Professor Stephen Mann from the University of Bristol’s School of Chemistry, and the Max Planck Bristol Centre for Minimal Biologytogether with colleagues Drs Can Xu, Nicolas Martin (currently at the University of Bordeaux) and Mei Li in the Bristol Centre for Protolife Research have demonstrated an approach to the construction of highly complex protocells using viscous micro-droplets filled with living bacteria as a microscopic building site.
The group first exposed the empty droplets to two different bacterial species. Although the other population was imprisoned at the droplet surface, one population spontaneously became stuck inside the droplets.
The liberated cellular components were then retained inside or on the surface of the droplets by the destruction of both types of bacteria, resulting in membrane-coated bacteriogenic protocells that contained hundreds of biological molecules, parts, and machinery.
Our living-material assembly approach provides an opportunity for the bottom-up construction of symbiotic living/synthetic cell constructs. For example, using engineered bacteria it should be possible to fabricate complex modules for development in diagnostic and therapeutic areas of synthetic biology as well as in biomanufacturing and biotechnology in general.Dr. Can Xu
The fact that the protocells could generate RNA and proteins by in vitro gene expression as well as energy-rich molecules (ATP) via glycolysis suggested that the hereditary bacterial components persisted in the synthetic cells.

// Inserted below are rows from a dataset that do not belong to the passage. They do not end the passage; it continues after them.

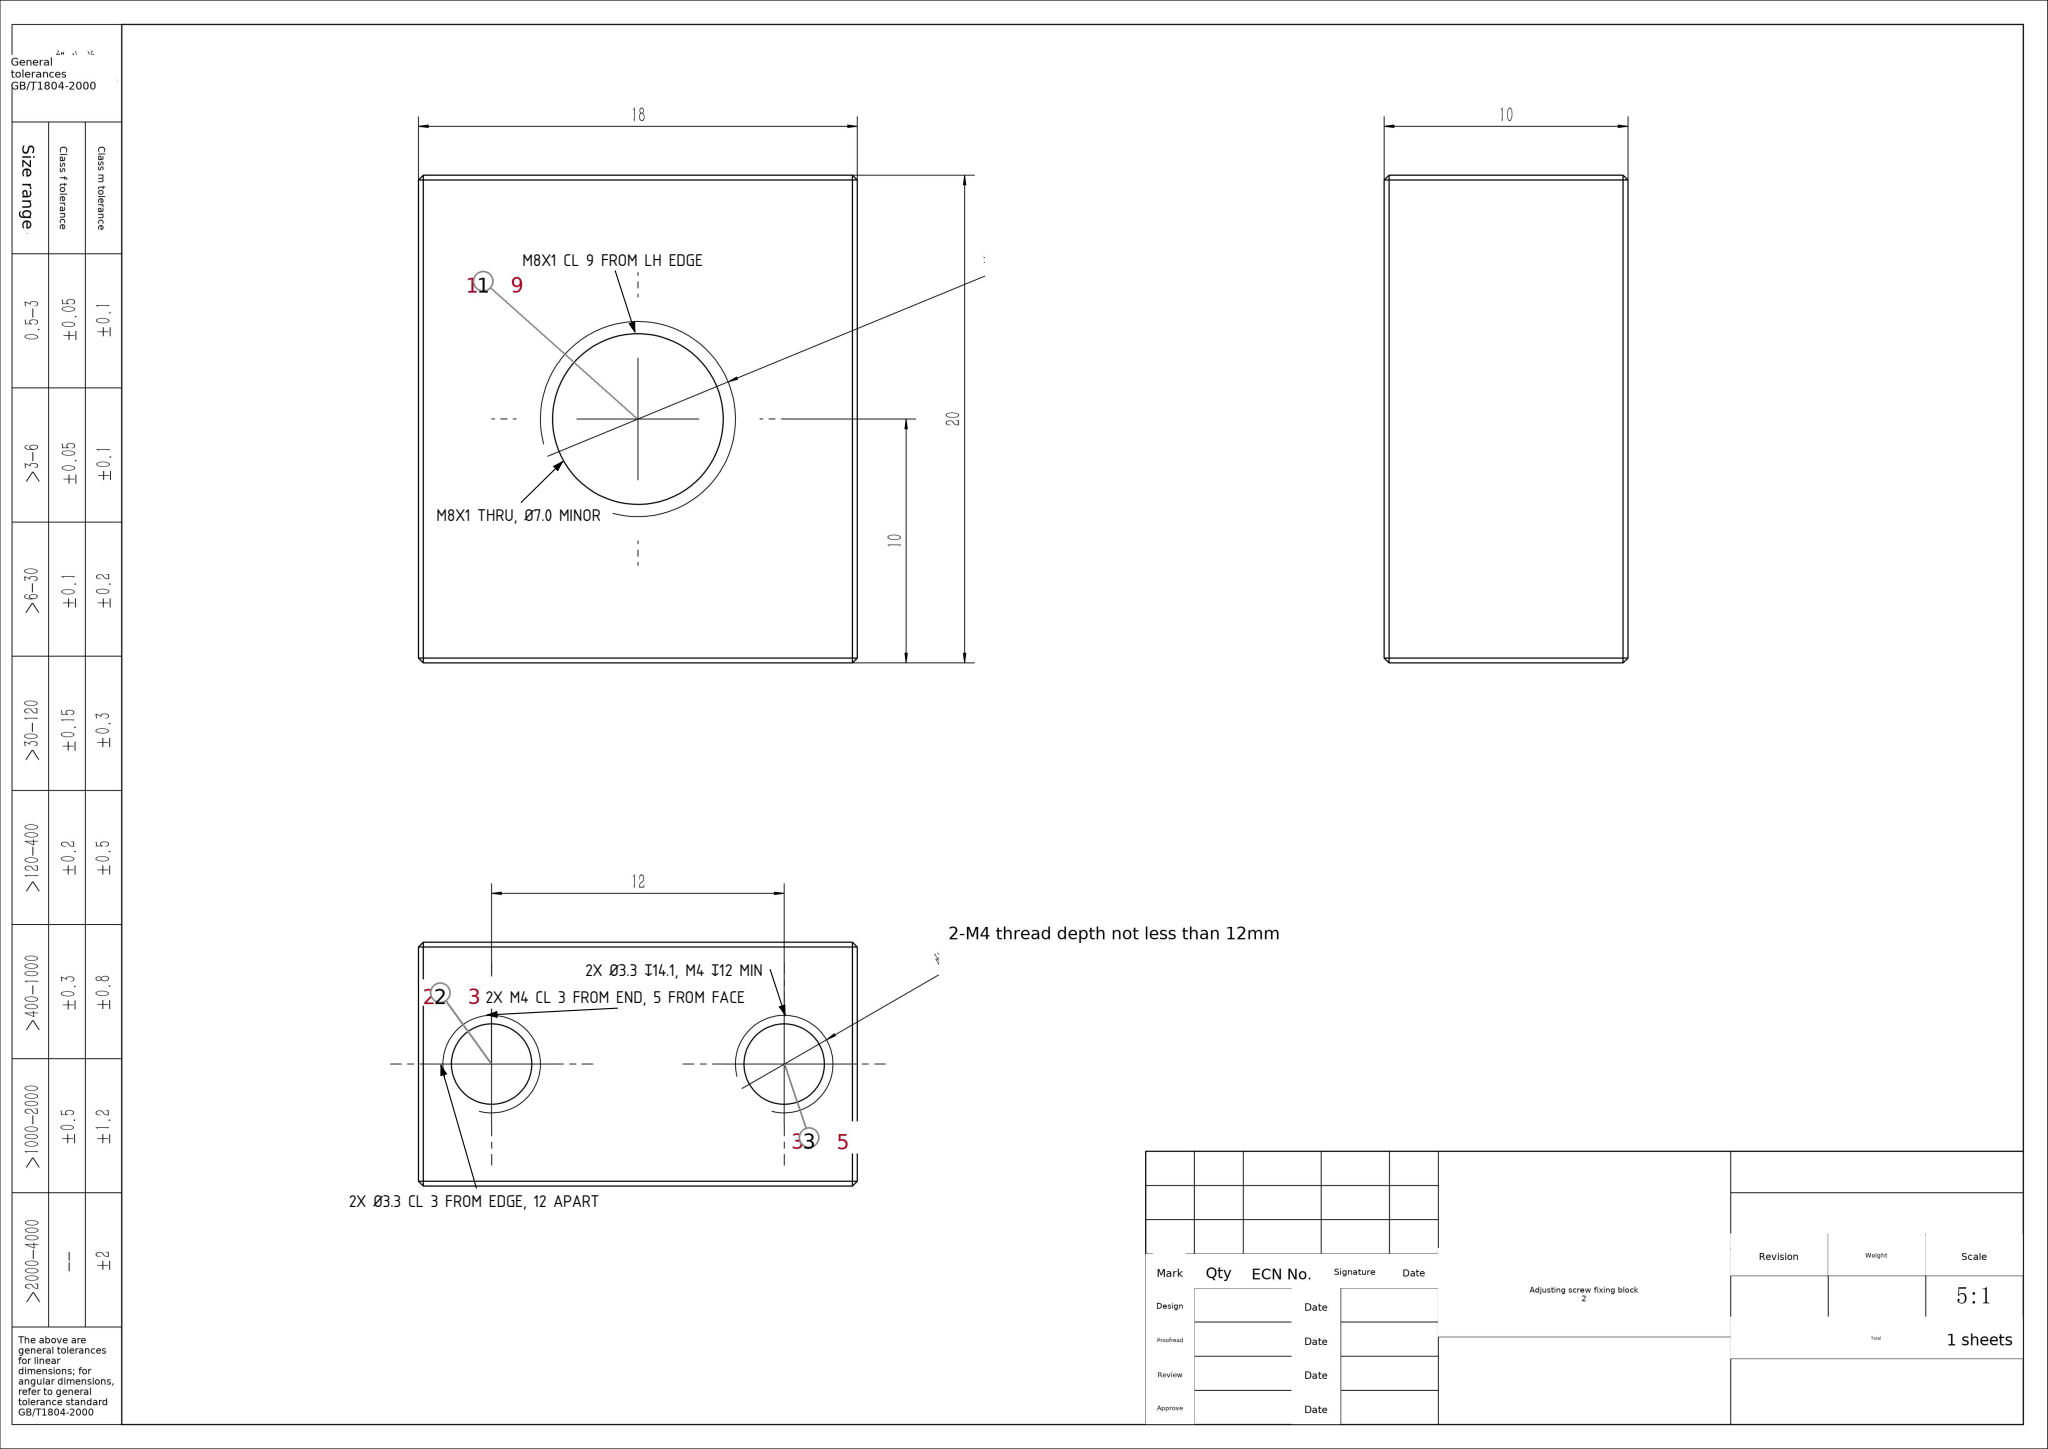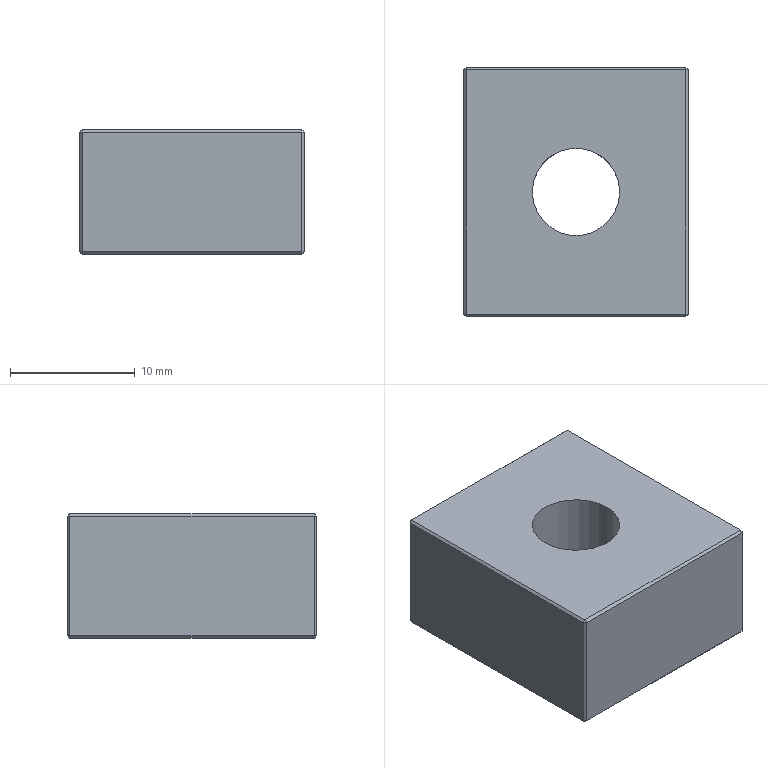Part | SolidWorks | mm | 1 solid | 36 faces | box 18 x 20 x 10 mm | volume 2965 mm3 | plane 26 | cylinder 6 | cone 4 | commonest cylinder face diameters 3.3 x4 7 x2
Drawing notes:
M8X1 HOLE CL 9 FROM LH EDGE (CENTERED IN 18 WIDTH) | from the solid: Ø7.0 z-axis cyl at x=9.0 of 18.0 bbox width
2X M4 HOLE CL 3 FROM EACH END, 5 FROM FACE (CTR OF 10 THK) | from the solid: Ø3.3 y-axis cyls at x=3.0 & 15.0, z=5.0; bbox 18x20x10
2X Ø3.3 DRILL DP 14.1 (118° PT), M4 DP 12 MIN | from the solid: Ø3.3 y-axis cyl length 14.1, cone incl angle 118° ref dia 3.3
CTR HOLE: M8X1 THRU, Ø7.0 MINOR DIA, FULL THD 10 DEEP | from the solid: Ø7.0 cyl, axis Z, pos (9.0,10.0), length 10.0 = full 10 thk; minor dia 7.0 -> M8x1 fine
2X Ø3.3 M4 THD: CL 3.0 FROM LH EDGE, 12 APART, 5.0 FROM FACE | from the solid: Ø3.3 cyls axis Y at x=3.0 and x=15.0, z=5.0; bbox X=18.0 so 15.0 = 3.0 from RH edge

The scientists used a number of chemical processes to physically and morphologically alter the bacteriogenic protocells in order to test the technique’s effectiveness further. The interior of the droplet was filled with a cytoskeletal-like network of protein filaments and membrane-bound water vacuoles, and the liberated bacterial DNA was compressed into a single structure resembling a nucleus.
As a step towards the building of a synthetic/living cell entity, the researchers injected living bacteria into the protocells to provide self-sustainable ATP synthesis and long-term energization for glycolysis, gene expression and cytoskeletal assembly.
Interestingly, the protoliving constructions developed an exterior appearance resembling an amoeba as a result of local bacterial growth and metabolism, creating a cellular bionic system with integrated life-like features.
Corresponding author Professor Stephen Mann said: “Achieving high organisational and functional complexity in synthetic cells is difficult especially under close-to-equilibrium conditions. Hopefully, our current bacteriogenic approach will help to increase the complexity of current protocell models, facilitate the integration of myriad biological components and enable the development of energised cytomimetic systems.”
First author Dr. Can Xu, Research Associate at the University of Bristol, added: “Our living-material assembly approach provides an opportunity for the bottom-up construction of symbiotic living/synthetic cell constructs. For example, using engineered bacteria it should be possible to fabricate complex modules for development in diagnostic and therapeutic areas of synthetic biology as well as in biomanufacturing and biotechnology in general.”